The deferral and co-investment Plan therefore also makes a significant portion of the annual incentive (MBO) and conditional on achieving the three-year objectives.

Co-investment profiles

The co-investment profiles for the annual bonus from among which the beneficiaries can choose and to which different risk levels are associated are the following:

  • Basic profile: the participant co-invests 25% of their annual bonus potentially accrued in 2018, 2019 and 2020 with the possibility of obtaining, in 2021 and in case of target level achievement of the pre-set objectives, a multiple of 1.5 times the amount co-invested (including the Co-investment itself), or of losing 25% of the co-invested amount should the performance target not be achieved.
  • Balanced profile: the participant co-invests 50% of their annual bonus accrued in 2018, 2019 and 2020 with the possibility of obtaining, in 2021 and in case of target level achievement of the pre-set objectives, a multiple of 2 times the amount co-invested (including the Co-investment itself), or of losing 50% of the co-invested amount should the performance target not be achieved.
  • Dynamic profile: the participant co-invests 75% of their annual bonus accrued in 2018, 2019 and 2020 with the possibility of obtaining, in 2021 and in case of target level achievement of the preset objectives, a multiple of 2.5 times the amount co-invested (including the Co-investment itself), or of losing 75% of the co-invested amount should the performance target not be achieved.

Co-investment profiles and link between profiles and disbursement

The choice among the different profiles is made ex-ante when accepting the plan (in 2018) and can no longer be changed during the 2018-2020 period.

Performance conditions

The objectives to which the multiplier/demultiplier of the co-invested annual bonus is linked are:

  • the Group's accumulated adjusted EBITDA in the 2018-2020 three-year period, which serves as the minimum performance condition and absolute gate threshold;
  • Prysmian's Total Shareholder Return compared to the Total Shareholder Return of the Stoxx 600 Industrial Goods and Services Index, which serves as multiplier/demultiplier.

The plan is based on performance targets post combination with General Cable Corporation; the targets also include, for the 2018 pre-closing period, the performance targets of the two stand-alone entities.

The successful completion of the acquisition in 2018 is a binding condition for the implementation of the plan.

For further details on the target metrics, reference should be made to the paragraph below.

For more details about the Plan, reference can be made to the related Information Document, available

from the website www.prysmiangroup.com, in the Investor Relation - Corporate Governance - Remuneration - Incentive Plans section).

5.3.3. Performance share

The Performance Share Plan for 2018-2020, which is subject to the approval of the Shareholders' Meeting on 12 April 2018, provides for the assignment to each participant of a minimum and maximum number of Prysmian Shares.
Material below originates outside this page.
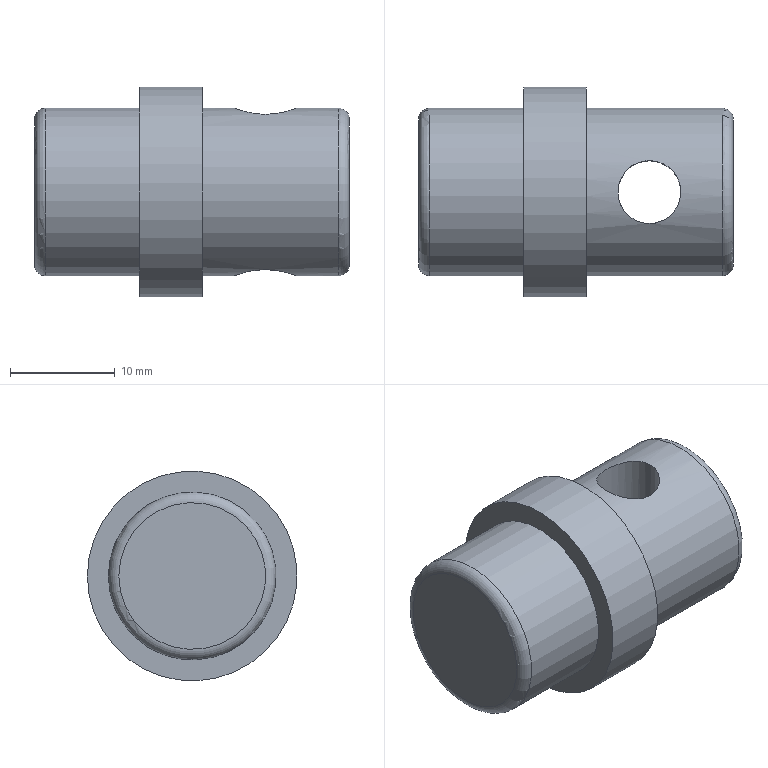Component | NX | GUIDE_BLOCK | 1 solid | 10 faces | volume 6245 mm3 | cylinder 4 | plane 4 | torus 2 | commonest cylinder face diameters 16 x2 20 x1 6 x1

In 2021, the beneficiaries of the plan will receive, within the aforementioned range, a number of shares based on the degree of achievement of the two three-year economic/financial objectives of the Group and based on the performance of Prysmian's Total Shareholder Return compared to the Total Shareholder Return of the Stoxx 600 Industrial Goods and Services index.

The Plan is based on performance targets post combination with General Cable Corporation; the targets also include, for the 2018 pre-closing period, the performance targets of the two stand-alone entities.

The successful completion of the acquisition in 2018 is a binding condition for the implementation of the plan.

Performance conditions

The effective allocation of the shares to beneficiaries is subject to the three-year performance level in terms of cumulative Adjusted EBITDA over the 2018-2020 period (weight 60%), which serves as the minimum performance condition and absolute gate threshold, and to the Net Financial Position of the Group at December 2020 (weight 40%).

Performance indicators 2018-2020
Cumulative Group
Adjusted EBITDA*
(Weight 60%)
Group Net Financial
Position as at December
2020**
(Weight 40%)
Distribution curves
Minimum
performance
(target)
3,000 1,650 100
Maximum performance
(cap)
3,200 1,400 150

Moreover, the number of shares relating to the Performance Share component may increase or decrease on the basis of an additional performance condition, relating to the performance of Prysmian's Total Shareholder Return compared to the Total Shareholder Return of the Stoxx 600 Industrial Goods and Services index.

Performance - incentive connection

The assignment value if the target level of both the economic and financial objectives is achieved and the maximum level, if the maximum level of both the economic and financial objectives is achieved, will be defined for each beneficiary in relation to the role held, the contribution to results and the individual fixed remuneration levels.

In the event a performance level between the minimum and maximum is achieved, the number of performance shares allocated will be defined by linear interpolation, separately for both targets envisaged, i.e. cumulative Group Adjusted EBITDA and Group Net Financial Position. If the target Group Net Financial Position is not achieved, only the shares deriving from the result of cumulative Group Adjusted EBITDA will be counted.

The TSR performance achieved by Prysmian compared to the reference index serves as

multiplier/demultiplier, increasing or reducing the actual number of shares to be granted. In case of performance in line with the index identified, the Total Shareholder Return will be neutral.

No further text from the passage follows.